I've tried bent over rows before, and they seem to hit my biceps more than anything, and as much as I try I really don't feel anything in my back. I also have tried DB kickbacks and DB rows, but without success. My intensity is usually pretty high (I do three sets of five reps going heavy with squats, and then immediately after I do the same with deadlifts, which is why I think it hits everything good enough, because it's in succession, so it's got to be tearing up those muscles more), and like I said I've seen pretty good results from it. Besides, why would I do leg presses when I squat?

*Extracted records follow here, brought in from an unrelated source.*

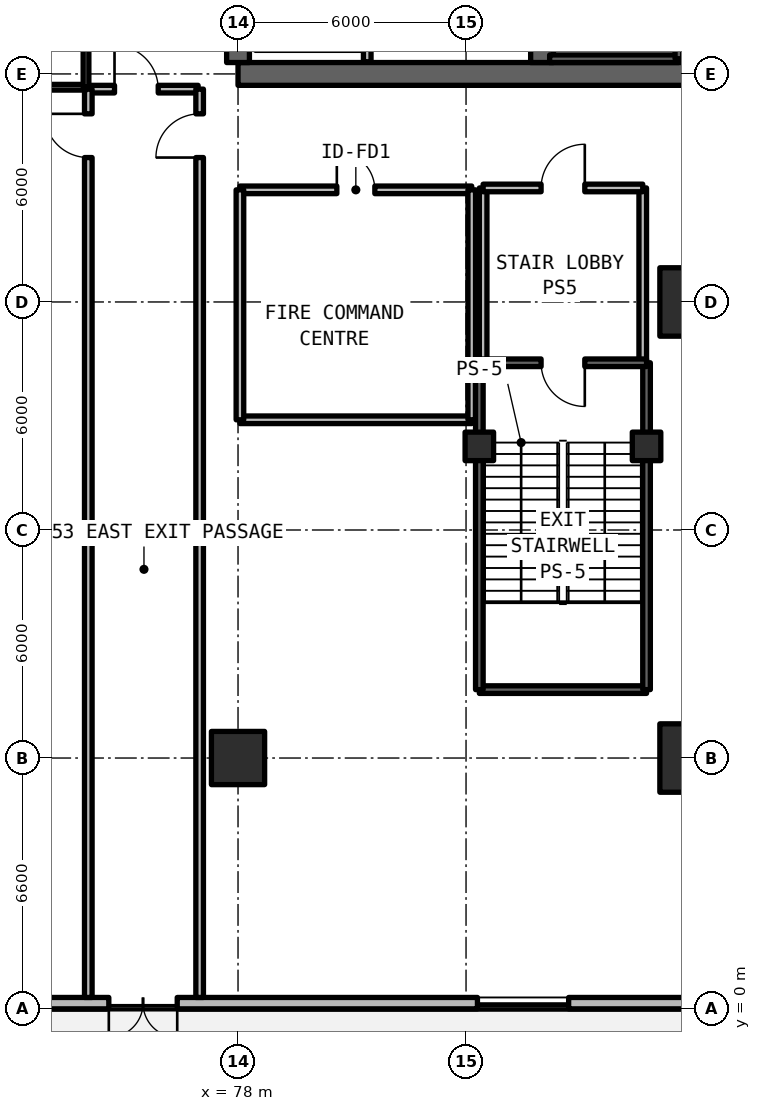
"""IFC4 building model, lengths in metres.
Left out: names, types, materials, properties, quantities, classifications, styles, units other than length and angle.
Written with IfcOpenShell. Run it as: python <this file> out.ifc"""

import sys

from ifc_helpers import new_model, si_unit, direction, frame, frame_2d, origin, origin_2d, place, context, subcontext, project, spatial, rectangle, circle, extrude, element, fill, save


model = new_model("IFC4")
c1 = context("Model", 3, precision=1e-05, world=origin(), true_north=direction((0.0, 1.0)))
c2 = subcontext(c1, "Body", "Model", "MODEL_VIEW")
j1 = project(units=[si_unit("LENGTHUNIT", "METRE"), si_unit("PLANEANGLEUNIT", "RADIAN")], contexts=[c1])
p1 = place(None, origin())
s1 = spatial("IfcSite", under=j1, at=p1, CompositionType="ELEMENT")
p2 = place(p1, origin())
s2 = spatial("IfcBuilding", under=s1, at=p2, CompositionType="ELEMENT")
p3 = place(p2, origin())
s3 = spatial("IfcBuildingStorey", under=s2, at=p3, CompositionType="ELEMENT", Elevation=0.0)
p4 = place(p3, frame((78.0, 24.6, 0.0), z_axis=(0.0, 0.0, 1.0), x_axis=(1.0, 0.0, 0.0)))
e1 = element("IfcWall", 1, at=p4, inside=s3, PredefinedType="SHEAR", context=c2, shape_type="SweptSolid", body=[
    extrude(rectangle(XDim=12.0, YDim=0.6, at=frame_2d((6.0, 0.0))), origin(), (0.0, 0.0, 1.0), 4.95),
])
p5 = place(p3, frame((78.0, 24.9, 0.0), z_axis=(0.0, 0.0, 1.0), x_axis=(0.0, 1.0, 0.0)))
e2 = element("IfcWall", 2, at=p5, inside=s3, PredefinedType="SHEAR", context=c2, shape_type="SweptSolid", body=[
    extrude(rectangle(XDim=8.9, YDim=0.6, at=frame_2d((4.45, 0.0))), origin(), (0.0, 0.0, 1.0), 4.95),
])
p6 = place(p3, frame((86.0, 24.9, 0.0), z_axis=(0.0, 0.0, 1.0), x_axis=(0.0, 1.0, 0.0)))
e3 = element("IfcWall", 3, at=p6, inside=s3, PredefinedType="SHEAR", context=c2, shape_type="SweptSolid", body=[
    extrude(rectangle(XDim=17.4, YDim=0.6, at=frame_2d((8.7, 0.0))), origin(), (0.0, 0.0, 1.0), 4.95),
])
p7 = place(p6, frame((0.35, 0.0, 0.0)))
e4 = element("IfcOpeningElement", 4, at=p7, cuts=e3, PredefinedType="OPENING", context=c2, shape_type="SweptSolid", body=[
    extrude(rectangle(XDim=1.15, YDim=2.15, at=frame_2d((0.575, 1.075))), frame((0.0, 0.31, 0.0), z_axis=(0.0, -1.0, 0.0), x_axis=(1.0, 0.0, 0.0)), (0.0, 0.0, 1.0), 0.62),
])
p8 = place(p6, frame((9.55, 0.0, 0.0)))
e5 = element("IfcOpeningElement", 5, at=p8, cuts=e3, PredefinedType="OPENING", context=c2, shape_type="SweptSolid", body=[
    extrude(rectangle(XDim=1.15, YDim=2.15, at=frame_2d((0.575, 1.075))), frame((0.0, 0.31, 0.0), z_axis=(0.0, -1.0, 0.0), x_axis=(1.0, 0.0, 0.0)), (0.0, 0.0, 1.0), 0.62),
])
p9 = place(p3, frame((78.0, 6.6, 0.0), z_axis=(0.0, 0.0, 1.0), x_axis=(1.0, 0.0, 0.0)))
e6 = element("IfcColumn", 6, at=p9, inside=s3, PredefinedType="COLUMN", context=c2, shape_type="SweptSolid", body=[
    extrude(circle(Radius=0.7, at=origin_2d()), origin(), (0.0, 0.0, 1.0), 4.95),
])
for number, where, z_axis, x_axis in (
    (7, (90.0, 6.6, 0.0), (0.0, 0.0, 1.0), (1.0, 0.0, 0.0)),
    (8, (90.0, 18.6, 0.0), (0.0, 0.0, 1.0), (1.0, 0.0, 0.0)),
):
    element("IfcColumn", number, at=place(p3, frame(where, z_axis=z_axis, x_axis=x_axis)), inside=s3, PredefinedType="COLUMN", context=c2, shape_type="SweptSolid", body=[
        extrude(rectangle(XDim=1.8, YDim=1.8, at=origin_2d()), origin(), (0.0, 0.0, 1.0), 4.95),
    ])
for number, where, z_axis, x_axis in (
    (9, (84.35, 14.8, 0.0), (0.0, 0.0, 1.0), (1.0, 0.0, 0.0)),
    (10, (88.75, 14.8, 0.0), (0.0, 0.0, 1.0), (1.0, 0.0, 0.0)),
):
    element("IfcColumn", number, at=place(p3, frame(where, z_axis=z_axis, x_axis=x_axis)), inside=s3, PredefinedType="COLUMN", context=c2, shape_type="SweptSolid", body=[
        extrude(rectangle(XDim=0.75, YDim=0.75, at=origin_2d()), origin(), (0.0, 0.0, 1.0), 4.95),
    ])
p10 = place(p3, frame((0.15, 0.15, 0.0), z_axis=(0.0, 0.0, 1.0), x_axis=(1.0, 0.0, 0.0)))
e11 = element("IfcWall", 11, at=p10, inside=s3, PredefinedType="SOLIDWALL", context=c2, shape_type="SweptSolid", body=[
    extrude(rectangle(XDim=113.7, YDim=0.3, at=frame_2d((56.85, 0.0))), origin(), (0.0, 0.0, 1.0), 4.67),
])
p11 = place(p10, frame((5.75, 0.0, 0.0)))
e12 = element("IfcOpeningElement", 12, at=p11, cuts=e11, PredefinedType="OPENING", context=c2, shape_type="SweptSolid", body=[
    extrude(rectangle(XDim=1.2, YDim=2.2, at=frame_2d((0.6, 1.1))), frame((0.0, 0.16, 0.0), z_axis=(0.0, -1.0, 0.0), x_axis=(1.0, 0.0, 0.0)), (0.0, 0.0, 1.0), 0.32),
])
p12 = place(p10, frame((17.05, 0.0, 0.0)))
e13 = element("IfcOpeningElement", 13, at=p12, cuts=e11, PredefinedType="OPENING", context=c2, shape_type="SweptSolid", body=[
    extrude(rectangle(XDim=4.2, YDim=3.2, at=frame_2d((2.1, 1.6))), frame((0.0, 0.16, 0.0), z_axis=(0.0, -1.0, 0.0), x_axis=(1.0, 0.0, 0.0)), (0.0, 0.0, 1.0), 0.32),
])
p13 = place(p10, frame((30.7, 0.0, 0.0)))
e14 = element("IfcOpeningElement", 14, at=p13, cuts=e11, PredefinedType="OPENING", context=c2, shape_type="SweptSolid", body=[
    extrude(rectangle(XDim=1.8, YDim=2.25, at=frame_2d((0.9, 1.125))), frame((0.0, 0.16, 0.0), z_axis=(0.0, -1.0, 0.0), x_axis=(1.0, 0.0, 0.0)), (0.0, 0.0, 1.0), 0.32),
])
p14 = place(p10, frame((40.95, 0.0, 0.0)))
e15 = element("IfcOpeningElement", 15, at=p14, cuts=e11, PredefinedType="OPENING", context=c2, shape_type="SweptSolid", body=[
    extrude(rectangle(XDim=1.8, YDim=2.25, at=frame_2d((0.9, 1.125))), frame((0.0, 0.16, 0.0), z_axis=(0.0, -1.0, 0.0), x_axis=(1.0, 0.0, 0.0)), (0.0, 0.0, 1.0), 0.32),
])
p15 = place(p10, frame((55.75, 0.0, 0.0)))
e16 = element("IfcOpeningElement", 16, at=p15, cuts=e11, PredefinedType="OPENING", context=c2, shape_type="SweptSolid", body=[
    extrude(rectangle(XDim=2.2, YDim=2.6, at=frame_2d((1.1, 1.3))), frame((0.0, 0.16, 0.0), z_axis=(0.0, -1.0, 0.0), x_axis=(1.0, 0.0, 0.0)), (0.0, 0.0, 1.0), 0.32),
])
p16 = place(p10, frame((74.45, 0.0, 0.0)))
e17 = element("IfcOpeningElement", 17, at=p16, cuts=e11, PredefinedType="OPENING", context=c2, shape_type="SweptSolid", body=[
    extrude(rectangle(XDim=1.8, YDim=2.25, at=frame_2d((0.9, 1.125))), frame((0.0, 0.16, 0.0), z_axis=(0.0, -1.0, 0.0), x_axis=(1.0, 0.0, 0.0)), (0.0, 0.0, 1.0), 0.32),
])
p17 = place(p10, frame((106.25, 0.0, 0.0)))
e18 = element("IfcOpeningElement", 18, at=p17, cuts=e11, PredefinedType="OPENING", context=c2, shape_type="SweptSolid", body=[
    extrude(rectangle(XDim=1.2, YDim=2.2, at=frame_2d((0.6, 1.1))), frame((0.0, 0.16, 0.0), z_axis=(0.0, -1.0, 0.0), x_axis=(1.0, 0.0, 0.0)), (0.0, 0.0, 1.0), 0.32),
])
p18 = place(p10, frame((68.18, 0.0, 0.78)))
e19 = element("IfcOpeningElement", 19, at=p18, cuts=e11, PredefinedType="OPENING", context=c2, shape_type="SweptSolid", body=[
    extrude(rectangle(XDim=2.4, YDim=1.66, at=frame_2d((1.2, 0.83))), frame((0.0, 0.16, 0.0), z_axis=(0.0, -1.0, 0.0), x_axis=(1.0, 0.0, 0.0)), (0.0, 0.0, 1.0), 0.32),
])
p19 = place(p10, frame((8.15, 0.0, 0.78)))
e20 = element("IfcOpeningElement", 20, at=p19, cuts=e11, PredefinedType="OPENING", context=c2, shape_type="SweptSolid", body=[
    extrude(rectangle(XDim=2.4, YDim=1.66, at=frame_2d((1.2, 0.83))), frame((0.0, 0.16, 0.0), z_axis=(0.0, -1.0, 0.0), x_axis=(1.0, 0.0, 0.0)), (0.0, 0.0, 1.0), 0.32),
])
p20 = place(p10, frame((84.15, 0.0, 0.78)))
e21 = element("IfcOpeningElement", 21, at=p20, cuts=e11, PredefinedType="OPENING", context=c2, shape_type="SweptSolid", body=[
    extrude(rectangle(XDim=2.4, YDim=1.66, at=frame_2d((1.2, 0.83))), frame((0.0, 0.16, 0.0), z_axis=(0.0, -1.0, 0.0), x_axis=(1.0, 0.0, 0.0)), (0.0, 0.0, 1.0), 0.32),
])
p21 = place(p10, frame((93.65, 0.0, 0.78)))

And since deads are such a major back exercise, why aren't they good enough?

 As for calf exercises, I walk a lot and I really don't think they need more exercise than they get.


----------



## P-funk (Apr 8, 2005)

Squaggleboggin said:
			
		

> I've tried bent over rows before, and they seem to hit my biceps more than anything, and as much as I try I really don't feel anything in my back. I also have tried DB kickbacks and DB rows, but without success. My intensity is usually pretty high (I do three sets of five reps going heavy with squats, and then immediately after I do the same with deadlifts, which is why I think it hits everything good enough, because it's in succession, so it's got to be tearing up those muscles more), and like I said I've seen pretty good results from it. Besides, why would I do leg presses when I squat? And since deads are such a major back exercise, why aren't they good enough?
> 
> As for calf exercises, I walk a lot and I really don't think they need more exercise than they get.




if it is wokring then why change it?


----------



## CowPimp (Apr 8, 2005)

All I do for my legs is squats and SLDLs, at least currently.  I need to run my full 2nd cycle of HST before I really can comment on the end result.

However, I don't think that's enough for your back.  You should be doing some type of horizontal and some type of vertical pulling movements.  My two favorite exercises being bent rows and chinups.


----------



## DeadBolt (Apr 8, 2005)

Squaggleboggin said:
			
		

> I've tried bent over rows before, and they seem to hit my biceps more than anything, and as much as I try I really don't feel anything in my back.


Pull with your elbows not your bi's....this ussually means your weight is to high.  Drop the weight some and concentrate on form not the lbs your moving.


----------



## LAM (Apr 8, 2005)

DeadBolt said:
			
		

> Pull with your elbows not your bi's....this ussually means your weight is to high.  Drop the weight some and concentrate on form not the lbs your moving.



 

exactly.  when training back you should lead with the elbows and imagine trying to touch your elbows behind your back.  I also use a thumbless grip on all back exercises.  if not my forearms give out early


----------



## DeadBolt (Apr 8, 2005)

LAM said:
			
		

> exactly.  when training back you should lead with the elbows and imagine trying to touch your elbows behind your back.  I also use a thumbless grip on all back exercises.  if not my forearms give out early


Very true...my forearms get so damn tired LOL.


----------